No business-secrets fluffery here, though Weatherford does credit Genghis Khan and company for seeking “not merely to conquer the world but to impose a global order based on free trade, a single international law, and a universal alphabet with which to write all the languages of the world.” Not that the world was necessarily appreciative: the Mongols were renowned for, well, intemperance in war and peace, even if Weatherford does go rather lightly on the atrocities-and-butchery front. Instead, he accentuates the positive changes the Mongols, led by a visionary Genghis Khan, brought to the vast territories they conquered, if ever so briefly: the use of carpets, noodles, tea, playing cards, lemons, carrots, fabrics, and even a few words, including the cheer hurray. (Oh, yes, and flame throwers, too.) Why, then, has history remembered Genghis and his comrades so ungenerously?
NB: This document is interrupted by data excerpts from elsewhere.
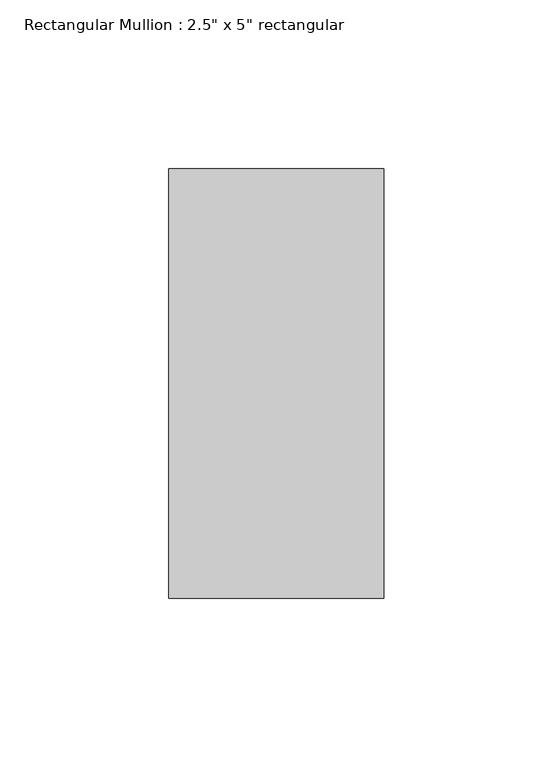
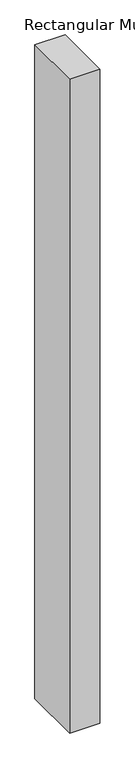
"""IFC4 building model written with IfcOpenShell, lengths in millimetres: member geometry."""

from ifc_helpers import new_model, si_unit, frame, origin, place, context, project, spatial, polyline, outline, extrude, source, transform, mapped, element, save


def member_b57d713a(model_context):
    return source(origin(), model_context, "Body", "SweptSolid", [
        extrude(outline(polyline([(0.0, 63.5), (0.0, -63.5), (-63.5, -63.5), (-63.5, 63.5), (0.0, 63.5)])), frame((0.0, 0.0, -1457.1797686), z_axis=(0.0, 0.0, 1.0), x_axis=(1.0, 0.0, 0.0)), (0.0, 0.0, 1.0), 1457.1797686),
    ])


if __name__ == "__main__":
    model = new_model("IFC4")
    model_context = context("Model", 3, world=origin())
    ifc_project = project(units=[si_unit("LENGTHUNIT", "METRE", prefix="MILLI")], contexts=[model_context])
    site = spatial("IfcSite", under=ifc_project)
    building = spatial("IfcBuilding", under=site)
    placement = place(None, origin())
    member_shape = member_b57d713a(model_context)
    element("IfcMember", 1, ObjectType="Rectangular Mullion : 2.5\" x 5\" rectangular", at=placement, inside=building, context=model_context, shape_type="MappedRepresentation", body=[
        mapped(member_shape, transform((0.0, 0.0, 0.0), x_axis=(1.0, 0.0, 0.0), y_axis=(0.0, 1.0, 0.0), z_axis=(0.0, 0.0, 1.0))),
    ])
    save(model, "model.ifc")

# Revit data of these elements
# Type "Rectangular Mullion : 2.5\" x 5\" rectangular"
#   built-in parameter 1007304 = 0.416667 (stored number, unit not read)
#   built-in parameter 1007301 = 0.104167 (stored number, unit not read)
#   built-in parameter 1007300 = 0.104167 (stored number, unit not read)
# Element 1 (IfcMember, "Rectangular Mullion : 2.5\" x 5\" rectangular")
#   Materials on its faces: "Aluminum"
# Materials
#   "Aluminum": class "Metal", colour RGB 247 247 247, transparency 0, Description = "Aluminum 6061", Cost = 0

Whereas Geoffrey Chaucer considered him “so excellent a lord in all things,” Genghis is a byword for all that is savage and terrible; the word “Mongol” figures, thanks to the pseudoscientific racism of the 19th century, as the root of “mongoloid,” a condition attributed to genetic throwbacks to seed sown by Mongol invaders during their decades of ravaging Europe. (Bad science, that, but Dr. Down’s son himself argued that imbeciles “derived from an earlier form of the Mongol stock and should be considered more ‘pre-human, rather than human.’ ”) Weatherford’s lively analysis restores the Mongols’ reputation, and it takes some wonderful learned detours—into, for instance, the history of the so-called Secret History of the Mongols, which the Nazis raced to translate in the hope that it would help them conquer Russia, as only the Mongols had succeeded in doing.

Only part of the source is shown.